Mientras, los aproximadamente 2.000 hombres con los que contaba Juan de Lanuza salieron de la capital aragonesa el día 8 de noviembre y establecieron su campamento en Utebo. La descoordinación fue total, pues el mismo Justicia había ordenado la destrucción del puente que cruzaba el río Jalón en Alagón para así ralentizar el avance realista. Pero los tercios se encontraron en cambio con que el puente no solo no había sido destruido sino que se encontraba sin vigilancia alguna. De nuevo se repiten las acciones chapuceras por parte de las mandos aragoneses como ya había sucedido el pasado 24 de septiembre.

En vistas de la enorme desventaja con la que se contaba, Juan de Lanuza decidió abandonar a sus tropas y marchar a Épila en busca de la protección del duque de Villahermosa y el conde de Aranda, que también se habían refugiado allí. El propio Antonio Pérez, que al ver los pasos pirenaicos demasiado protegidos por hombres del rey había regresado a Zaragoza días antes, también abandona el ejército y huye hacia Francia, esta vez consiguiendo llegar al reino vecino donde murió en París en el año 1611 en la más absoluta pobreza.
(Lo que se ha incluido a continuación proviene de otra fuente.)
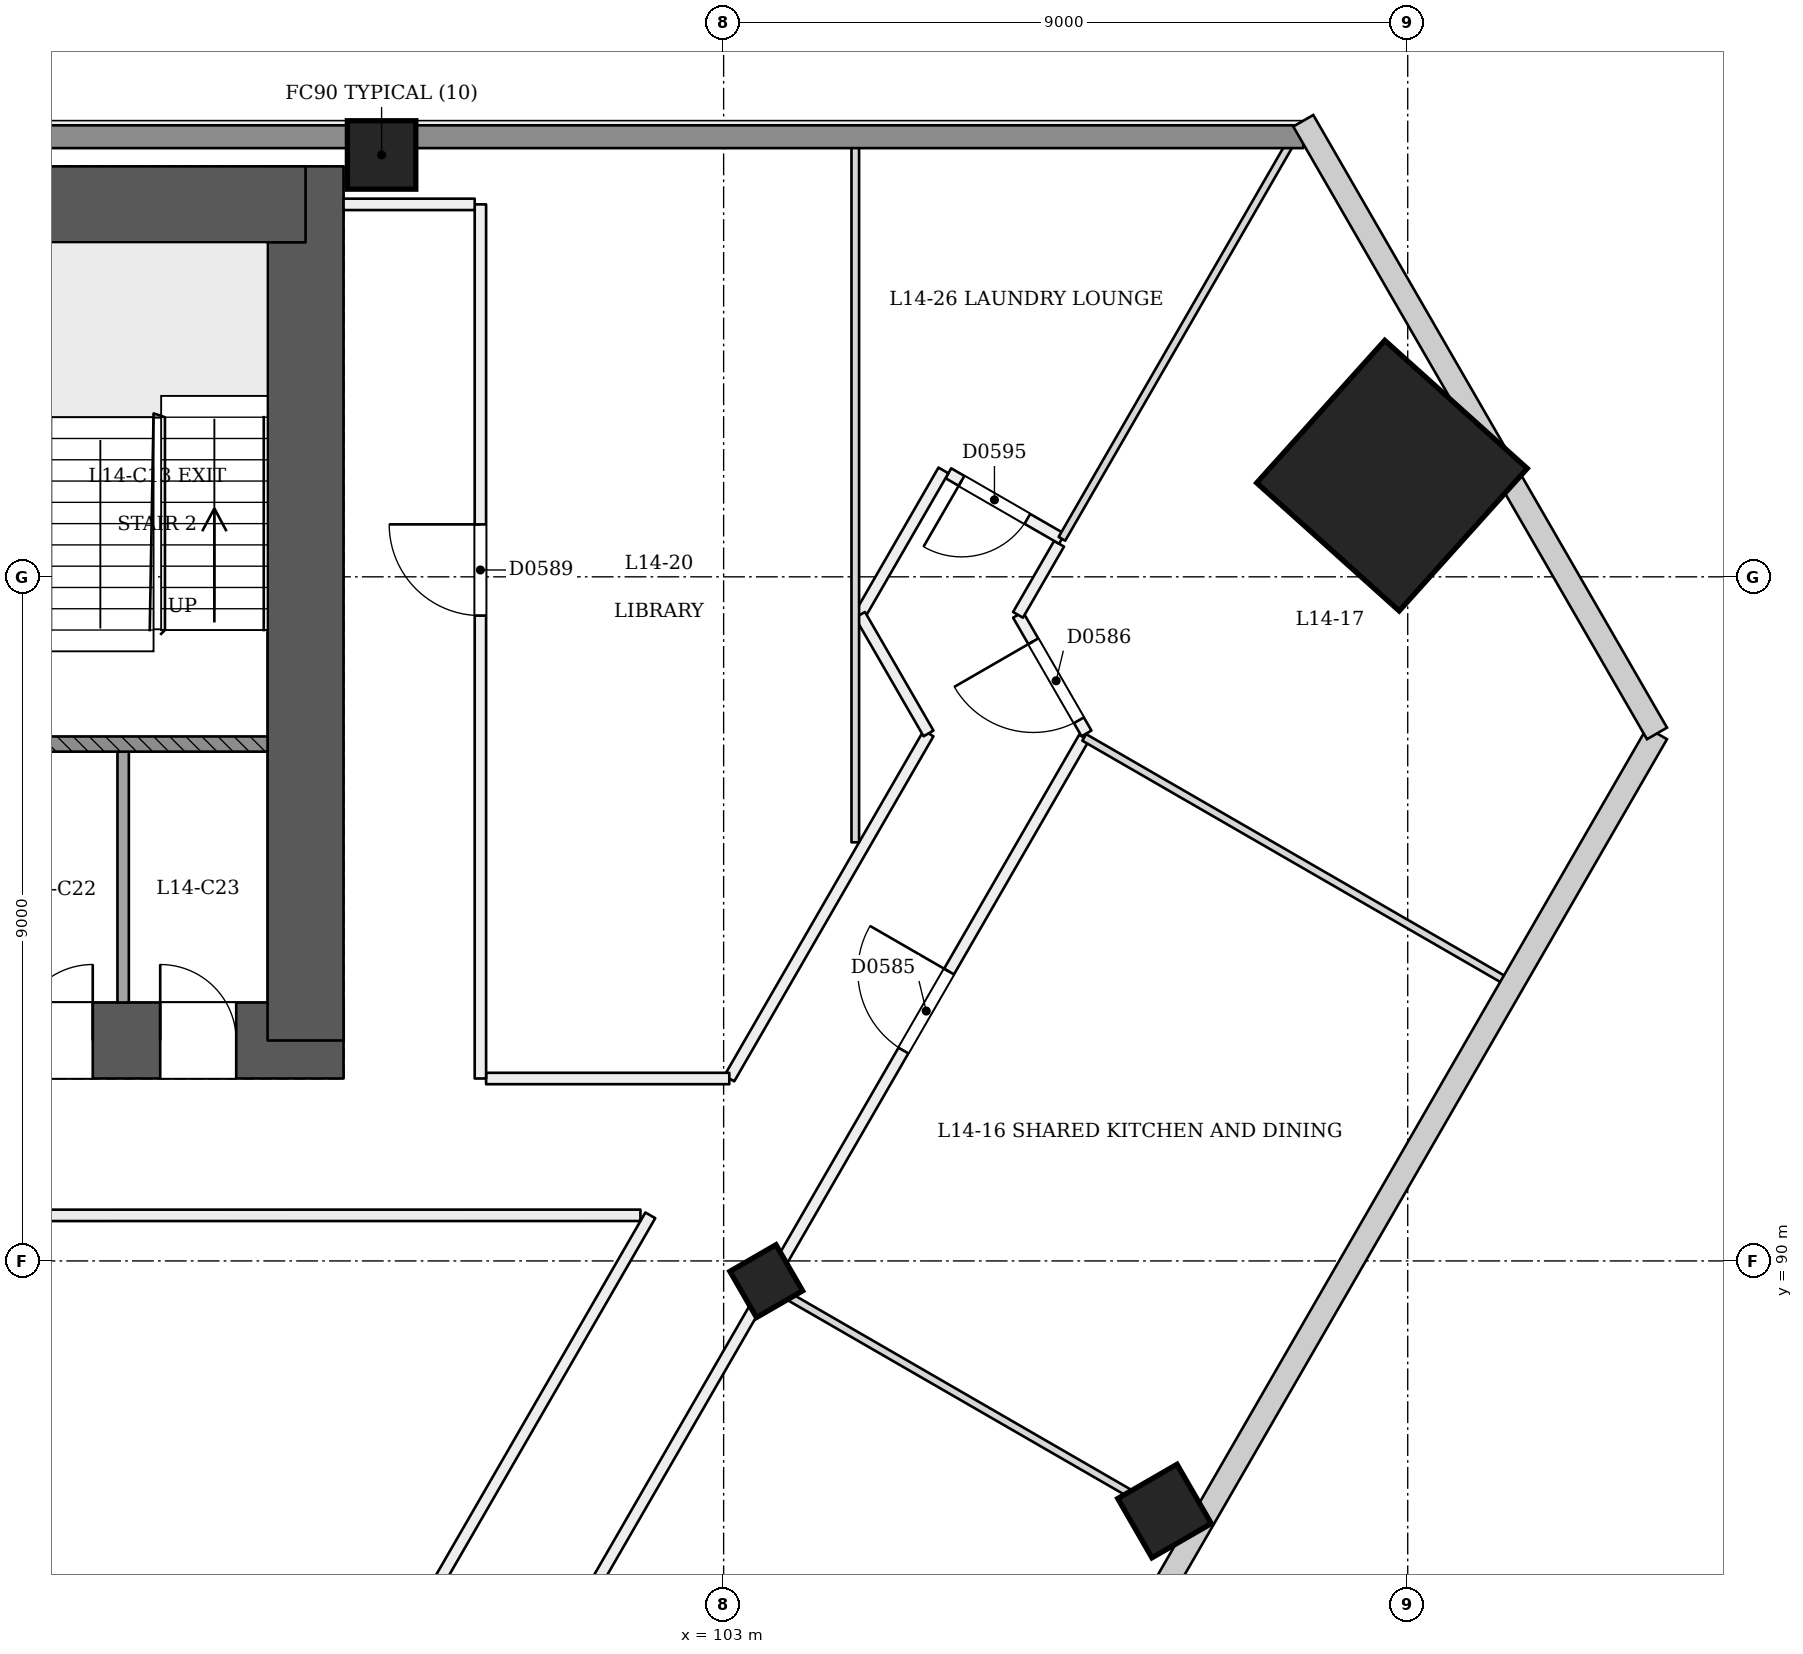
"""IFC4 building model, lengths in metres.
Left out: names, types, materials, properties, quantities, classifications, styles, units other than length and angle.
Written with IfcOpenShell. Run it as: python <this file> out.ifc"""

import sys

from ifc_helpers import new_model, si_unit, direction, frame, frame_2d, origin, origin_2d, place, context, subcontext, project, spatial, rectangle, extrude, element, fill, save


model = new_model("IFC4")
c1 = context("Model", 3, precision=1e-05, world=origin(), true_north=direction((0.0, 1.0)))
c2 = subcontext(c1, "Body", "Model", "MODEL_VIEW")
j1 = project(units=[si_unit("LENGTHUNIT", "METRE"), si_unit("PLANEANGLEUNIT", "RADIAN")], contexts=[c1])
p1 = place(None, origin())
s1 = spatial("IfcSite", under=j1, at=p1, CompositionType="ELEMENT")
p2 = place(p1, origin())
s2 = spatial("IfcBuilding", under=s1, at=p2, CompositionType="ELEMENT")
p3 = place(p2, frame((0.0, 0.0, 59.4)))
s3 = spatial("IfcBuildingStorey", under=s2, at=p3, CompositionType="ELEMENT", Elevation=59.4)
p4 = place(p3, frame((72.5, 92.9, 0.0), z_axis=(0.0, 0.0, 1.0), x_axis=(1.0, 0.0, 0.0)))
e1 = element("IfcWall", 1, at=p4, inside=s3, PredefinedType="SHEAR", context=c2, shape_type="SweptSolid", body=[
    extrude(rectangle(XDim=25.5, YDim=1.0, at=frame_2d((12.75, 0.0))), origin(), (0.0, 0.0, 1.0), 3.6),
])
p5 = place(p4, frame((1.3, 0.0, 0.0)))
e2 = element("IfcOpeningElement", 2, at=p5, cuts=e1, PredefinedType="OPENING", context=c2, shape_type="SweptSolid", body=[
    extrude(rectangle(XDim=1.2, YDim=2.1, at=frame_2d((0.6, 1.05))), frame((0.0, 0.51, 0.0), z_axis=(0.0, -1.0, 0.0), x_axis=(1.0, 0.0, 0.0)), (0.0, 0.0, 1.0), 1.021),
])
p6 = place(p4, frame((3.5, 0.0, 0.0)))
e3 = element("IfcOpeningElement", 3, at=p6, cuts=e1, PredefinedType="OPENING", context=c2, shape_type="SweptSolid", body=[
    extrude(rectangle(XDim=1.2, YDim=2.1, at=frame_2d((0.6, 1.05))), frame((0.0, 0.51, 0.0), z_axis=(0.0, -1.0, 0.0), x_axis=(1.0, 0.0, 0.0)), (0.0, 0.0, 1.0), 1.021),
])
p7 = place(p4, frame((13.5, 0.0, 0.0)))
e4 = element("IfcOpeningElement", 4, at=p7, cuts=e1, PredefinedType="OPENING", context=c2, shape_type="SweptSolid", body=[
    extrude(rectangle(XDim=1.2, YDim=2.1, at=frame_2d((0.6, 1.05))), frame((0.0, 0.51, 0.0), z_axis=(0.0, -1.0, 0.0), x_axis=(1.0, 0.0, 0.0)), (0.0, 0.0, 1.0), 1.021),
])
p8 = place(p4, frame((15.462, 0.0, 0.0)))
e5 = element("IfcOpeningElement", 5, at=p8, cuts=e1, PredefinedType="OPENING", context=c2, shape_type="SweptSolid", body=[
    extrude(rectangle(XDim=1.0, YDim=2.1, at=frame_2d((0.5, 1.05))), frame((0.0, 0.51, 0.0), z_axis=(0.0, -1.0, 0.0), x_axis=(1.0, 0.0, 0.0)), (0.0, 0.0, 1.0), 1.021),
])
p9 = place(p4, frame((18.3, 0.0, 0.0)))
e6 = element("IfcOpeningElement", 6, at=p9, cuts=e1, PredefinedType="OPENING", context=c2, shape_type="SweptSolid", body=[
    extrude(rectangle(XDim=1.0, YDim=2.1, at=frame_2d((0.5, 1.05))), frame((0.0, 0.51, 0.0), z_axis=(0.0, -1.0, 0.0), x_axis=(1.0, 0.0, 0.0)), (0.0, 0.0, 1.0), 1.021),
])
p10 = place(p4, frame((21.2, 0.0, 0.0)))
e7 = element("IfcOpeningElement", 7, at=p10, cuts=e1, PredefinedType="OPENING", context=c2, shape_type="SweptSolid", body=[
    extrude(rectangle(XDim=1.0, YDim=2.1, at=frame_2d((0.5, 1.05))), frame((0.0, 0.51, 0.0), z_axis=(0.0, -1.0, 0.0), x_axis=(1.0, 0.0, 0.0)), (0.0, 0.0, 1.0), 1.021),
])
p11 = place(p4, frame((23.087, 0.0, 0.0)))
e8 = element("IfcOpeningElement", 8, at=p11, cuts=e1, PredefinedType="OPENING", context=c2, shape_type="SweptSolid", body=[
    extrude(rectangle(XDim=1.0, YDim=2.1, at=frame_2d((0.5, 1.05))), frame((0.0, 0.51, 0.0), z_axis=(0.0, -1.0, 0.0), x_axis=(1.0, 0.0, 0.0)), (0.0, 0.0, 1.0), 1.021),
])
p12 = place(p3, frame((97.5, 92.9, 0.0), z_axis=(0.0, 0.0, 1.0), x_axis=(0.0, 1.0, 0.0)))
e9 = element("IfcWall", 9, at=p12, inside=s3, PredefinedType="SHEAR", context=c2, shape_type="SweptSolid", body=[
    extrude(rectangle(XDim=11.5, YDim=1.0, at=frame_2d((5.75, 0.0))), origin(), (0.0, 0.0, 1.0), 3.6),
])
p13 = place(p3, frame((97.5, 103.9, 0.0), z_axis=(0.0, 0.0, 1.0), x_axis=(-1.0, 0.0, 0.0)))
e10 = element("IfcWall", 10, at=p13, inside=s3, PredefinedType="SHEAR", context=c2, shape_type="SweptSolid", body=[
    extrude(rectangle(XDim=25.5, YDim=1.0, at=frame_2d((12.75, 0.0))), origin(), (0.0, 0.0, 1.0), 3.6),
])
p14 = place(p3, frame((103.588, 89.688, -0.021), z_axis=(-0.02215369191, 0.038413282303, 0.999016333038), x_axis=(-0.500657396395, -0.86536153355, 0.022171776814)))
e11 = element("IfcColumn", 11, at=p14, inside=s3, PredefinedType="COLUMN", context=c2, shape_type="SweptSolid", body=[
    extrude(rectangle(XDim=0.7, YDim=0.7, at=origin_2d()), origin(), (0.0, 0.0, 1.0), 3.604),
])
p15 = place(p3, frame((111.827, 100.32, 0.0), z_axis=(-0.028401796786, 0.009286506348, 0.999553449666), x_axis=(0.498886398949, -0.86638237317, 0.022224860049)))
e12 = element("IfcColumn", 12, at=p15, inside=s3, PredefinedType="COLUMN", context=c2, shape_type="SweptSolid", body=[
    extrude(rectangle(XDim=2.52, YDim=2.52, at=origin_2d()), origin(), (0.0, 0.0, 1.0), 3.602),
])
p16 = place(p3, frame((98.5, 104.55, 0.0), z_axis=(0.0, 0.0, 1.0), x_axis=(1.0, 0.0, 0.0)))
e13 = element("IfcColumn", 13, at=p16, inside=s3, PredefinedType="COLUMN", context=c2, shape_type="SweptSolid", body=[
    extrude(rectangle(XDim=0.9, YDim=0.9, at=origin_2d()), origin(), (0.0, 0.0, 1.0), 3.6),
])
p17 = place(p3, frame((108.828, 86.662, -0.027), z_axis=(-0.022222852987, 0.038483477124, 0.999012095419), x_axis=(-0.500174611287, -0.865639447942, 0.022219459744)))
e14 = element("IfcColumn", 14, at=p17, inside=s3, PredefinedType="COLUMN", context=c2, shape_type="SweptSolid", body=[
    extrude(rectangle(XDim=0.9, YDim=0.9, at=origin_2d()), origin(), (0.0, 0.0, 1.0), 3.604),
])
p18 = place(p3, frame((85.931, 59.106, 0.0), z_axis=(0.0, 0.0, 1.0), x_axis=(0.499999543107, 0.866025667572, 0.0)))
e15 = element("IfcWall", 15, at=p18, inside=s3, PredefinedType="PARTITIONING", context=c2, shape_type="SweptSolid", body=[
    extrude(rectangle(XDim=43.626, YDim=0.15, at=frame_2d((21.813, 0.0))), origin(), (0.0, 0.0, 1.0), 2.7),
])
p19 = place(p18, frame((3.556, 0.0, 0.0)))
e16 = element("IfcOpeningElement", 16, at=p19, cuts=e15, PredefinedType="OPENING", context=c2, shape_type="SweptSolid", body=[
    extrude(rectangle(XDim=1.2, YDim=2.1, at=frame_2d((0.6, 1.05))), frame((0.0, 0.085, 0.0), z_axis=(0.0, -1.0, 0.0), x_axis=(1.0, 0.0, 0.0)), (0.0, 0.0, 1.0), 0.171),
])
p20 = place(p18, frame((14.463, 0.0, 0.0)))
e17 = element("IfcOpeningElement", 17, at=p20, cuts=e15, PredefinedType="OPENING", context=c2, shape_type="SweptSolid", body=[
    extrude(rectangle(XDim=1.2, YDim=2.1, at=frame_2d((0.6, 1.05))), frame((0.0, 0.085, 0.0), z_axis=(0.0, -1.0, 0.0), x_axis=(1.0, 0.0, 0.0)), (0.0, 0.0, 1.0), 0.171),
])
p21 = place(p18, frame((27.963, 0.0, 0.0)))
e18 = element("IfcOpeningElement", 18, at=p21, cuts=e15, PredefinedType="OPENING", context=c2, shape_type="SweptSolid", body=[
    extrude(rectangle(XDim=1.2, YDim=2.1, at=frame_2d((0.6, 1.05))), frame((0.0, 0.085, 0.0), z_axis=(0.0, -1.0, 0.0), x_axis=(1.0, 0.0, 0.0)), (0.0, 0.0, 1.0), 0.171),
])
p22 = place(p18, frame((38.869, 0.0, 0.0)))
e19 = element("IfcOpeningElement", 19, at=p22, cuts=e15, PredefinedType="OPENING", context=c2, shape_type="SweptSolid", body=[
    extrude(rectangle(XDim=1.2, YDim=2.1, at=frame_2d((0.6, 1.05))), frame((0.0, 0.085, 0.0), z_axis=(0.0, -1.0, 0.0), x_axis=(1.0, 0.0, 0.0)), (0.0, 0.0, 1.0), 0.171),
])
p23 = place(p3, frame((107.774, 96.94, 0.0), z_axis=(0.0, 0.0, 1.0), x_axis=(-0.500015694476, 0.866016342385, 0.0)))
e20 = element("IfcWall", 20, at=p23, inside=s3, PredefinedType="PARTITIONING", context=c2, shape_type="SweptSolid", body=[
    extrude(rectangle(XDim=1.802, YDim=0.15, at=frame_2d((0.901, 0.0))), origin(), (0.0, 0.0, 1.0), 3.1),
])
p24 = place(p23, frame((0.2, 0.0, 0.0)))
e21 = element("IfcOpeningElement", 21, at=p24, cuts=e20, PredefinedType="OPENING", context=c2, shape_type="SweptSolid", body=[
    extrude(rectangle(XDim=1.2, YDim=2.1, at=frame_2d((0.6, 1.05))), frame((0.0, 0.085, 0.0), z_axis=(0.0, -1.0, 0.0), x_axis=(1.0, 0.0, 0.0)), (0.0, 0.0, 1.0), 0.171),
])
p25 = place(p3, frame((106.873, 98.5, 0.0), z_axis=(0.0, 0.0, 1.0), x_axis=(0.499957341738, 0.866050031143, 0.0)))
e22 = element("IfcWall", 22, at=p25, inside=s3, PredefinedType="PARTITIONING", context=c2, shape_type="SweptSolid", body=[
    extrude(rectangle(XDim=1.08, YDim=0.15, at=frame_2d((0.54, 0.0))), origin(), (0.0, 0.0, 1.0), 3.1),
])
p26 = place(p3, frame((102.035, 90.6, 0.0), z_axis=(0.0, 0.0, 1.0), x_axis=(-0.49999785657, -0.866026641291, 0.0)))
e23 = element("IfcWall", 23, at=p26, inside=s3, PredefinedType="PARTITIONING", context=c2, shape_type="SweptSolid", body=[
    extrude(rectangle(XDim=34.071, YDim=0.15, at=frame_2d((17.036, 0.0))), origin(), (0.0, 0.0, 1.0), 3.1),
])
p27 = place(p26, frame((25.659, 0.0, 0.0)))
e24 = element("IfcOpeningElement", 24, at=p27, cuts=e23, PredefinedType="OPENING", context=c2, shape_type="SweptSolid", body=[
    extrude(rectangle(XDim=1.2, YDim=2.1, at=frame_2d((0.6, 1.05))), frame((0.0, 0.085, 0.0), z_axis=(0.0, -1.0, 0.0), x_axis=(1.0, 0.0, 0.0)), (0.0, 0.0, 1.0), 0.171),
])
p28 = place(p26, frame((6.829, 0.0, 0.0)))
e25 = element("IfcOpeningElement", 25, at=p28, cuts=e23, PredefinedType="OPENING", context=c2, shape_type="SweptSolid", body=[
    extrude(rectangle(XDim=1.2, YDim=2.1, at=frame_2d((0.6, 1.05))), frame((0.0, 0.085, 0.0), z_axis=(0.0, -1.0, 0.0), x_axis=(1.0, 0.0, 0.0)), (0.0, 0.0, 1.0), 0.171),
])
p29 = place(p3, frame((88.0, 90.599, 0.0), z_axis=(0.0, 0.0, 1.0), x_axis=(0.999999997534, 7.0228418e-05, 0.0)))
e26 = element("IfcWall", 26, at=p29, inside=s3, PredefinedType="PARTITIONING", context=c2, shape_type="SweptSolid", body=[
    extrude(rectangle(XDim=13.906, YDim=0.15, at=frame_2d((6.953, 0.0))), origin(), (0.0, 0.0, 1.0), 3.1),
])
p30 = place(p29, frame((0.2, 0.0, 0.0)))
e27 = element("IfcOpeningElement", 27, at=p30, cuts=e26, PredefinedType="OPENING", context=c2, shape_type="SweptSolid", body=[
    extrude(rectangle(XDim=1.2, YDim=2.1, at=frame_2d((0.6, 1.05))), frame((0.0, 0.085, 0.0), z_axis=(0.0, -1.0, 0.0), x_axis=(1.0, 0.0, 0.0)), (0.0, 0.0, 1.0), 0.171),
])
p31 = place(p3, frame((105.696, 96.94, 0.0), z_axis=(0.0, 0.0, 1.0), x_axis=(-0.499971068387, -0.866042106815, 0.0)))
e28 = element("IfcWall", 28, at=p31, inside=s3, PredefinedType="PARTITIONING", context=c2, shape_type="SweptSolid", body=[
    extrude(rectangle(XDim=5.242, YDim=0.15, at=frame_2d((2.621, 0.0))), origin(), (0.0, 0.0, 1.0), 3.1),
])
p32 = place(p3, frame((103.075, 92.4, 0.0), z_axis=(0.0, 0.0, 1.0), x_axis=(-1.0, 0.0, 0.0)))
e29 = element("IfcWall", 29, at=p32, inside=s3, PredefinedType="PARTITIONING", context=c2, shape_type="SweptSolid", body=[
    extrude(rectangle(XDim=3.2, YDim=0.15, at=frame_2d((1.6, 0.0))), origin(), (0.0, 0.0, 1.0), 3.1),
])
p33 = place(p3, frame((99.8, 92.4, 0.0), z_axis=(0.0, 0.0, 1.0), x_axis=(0.0, 1.0, 0.0)))
e30 = element("IfcWall", 30, at=p33, inside=s3, PredefinedType="PARTITIONING", context=c2, shape_type="SweptSolid", body=[
    extrude(rectangle(XDim=11.5, YDim=0.15, at=frame_2d((5.75, 0.0))), origin(), (0.0, 0.0, 1.0), 2.6),
])
p34 = place(p33, frame((6.09, 0.0, 0.0)))
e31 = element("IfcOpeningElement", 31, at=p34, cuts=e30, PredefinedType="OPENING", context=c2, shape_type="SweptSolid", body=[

Los foralistas aún acampados en Utebo, viéndose abandonados por sus líderes, se acabaron disgregando y, sin haber cruzado armas, el ejército real entró en Zaragoza el 12 de noviembre, ocupando la ciudad y el reino durante algo más de un año. Llegaba entonces el momento de la represión. Esta fue hecha de manera inteligente, según palabras del profesor de la Univ. de Zaragoza Gregorio Colás Latorre, pues Felipe II se limitó a dar ejemplo con los cabecillas y quiso evitar un escarmiento más generalizado. Algunos de los apoyos más fervientes de Antonio Pérez, encabezados por Diego de Heredia, intentaron entrar de nuevo en Aragón con ayuda francesa, pero estos fueron finalmente capturados y ejecutados.

Mientras, una vez que pasaron las semanas y que se habían calmado los ánimos, Juan de Lanuza regresó a Zaragoza y comenzó a hacer vida normal, hasta que el día 19 de diciembre fue hecho preso por orden del rey y al día siguiente y sin juicio alguno fue ejecutado en la plaza del Mercado de Zaragoza, donde actualmente se encuentra el Mercado Central. El joven Juan fue decapitado en medio de un lúgubre silencio que embargó las calles zaragozanas, siendo desde luego un castigo que quedó impreso en los corazones de los aragoneses. Hay que decir que en este caso Felipe II actuó de forma tiránica, pues según las leyes el Justicia de Aragón solo podía ser juzgado en cortes, pero Juan de Lanuza fue detenido y condenado a muerte sin proceso judicial alguno. Ni tan siquiera fue organizada ninguna farsa judicial que le diera al acto un aura de justicia. También fueron encarcelados el duque de Villahermosa y el conde de Aranda, que eran las dos nobles de mayor importancia del reino, y en poco tiempo ambos murieron de manera poco conocida y sospechosa.

En 1592 Felipe II convocó cortes en Tarazona y allí dejó varias disposiciones que afectaron al régimen foral aragonés, aunque tampoco supuso su fin, ni mucho menos, como a veces se ha querido hacer ver. Para ello os recomendamos la lectura del artículo sobre las consecuencias de la Rebelión de 1591.

Los aragoneses nunca tuvieron conciencia de haberse rebelado contra su rey, sino que no entendían los actos de este contra unos fueros que había jurado proteger en la Seo de Zaragoza al comienzo de su reinado. No eran capaces de comprender el por qué de su actuación y de su desdén a unas leyes antiguas, y siempre estuvo la conciencia de que ellos lo que habían hecho era defender la legislación del reino, frente a todos y frente a todo.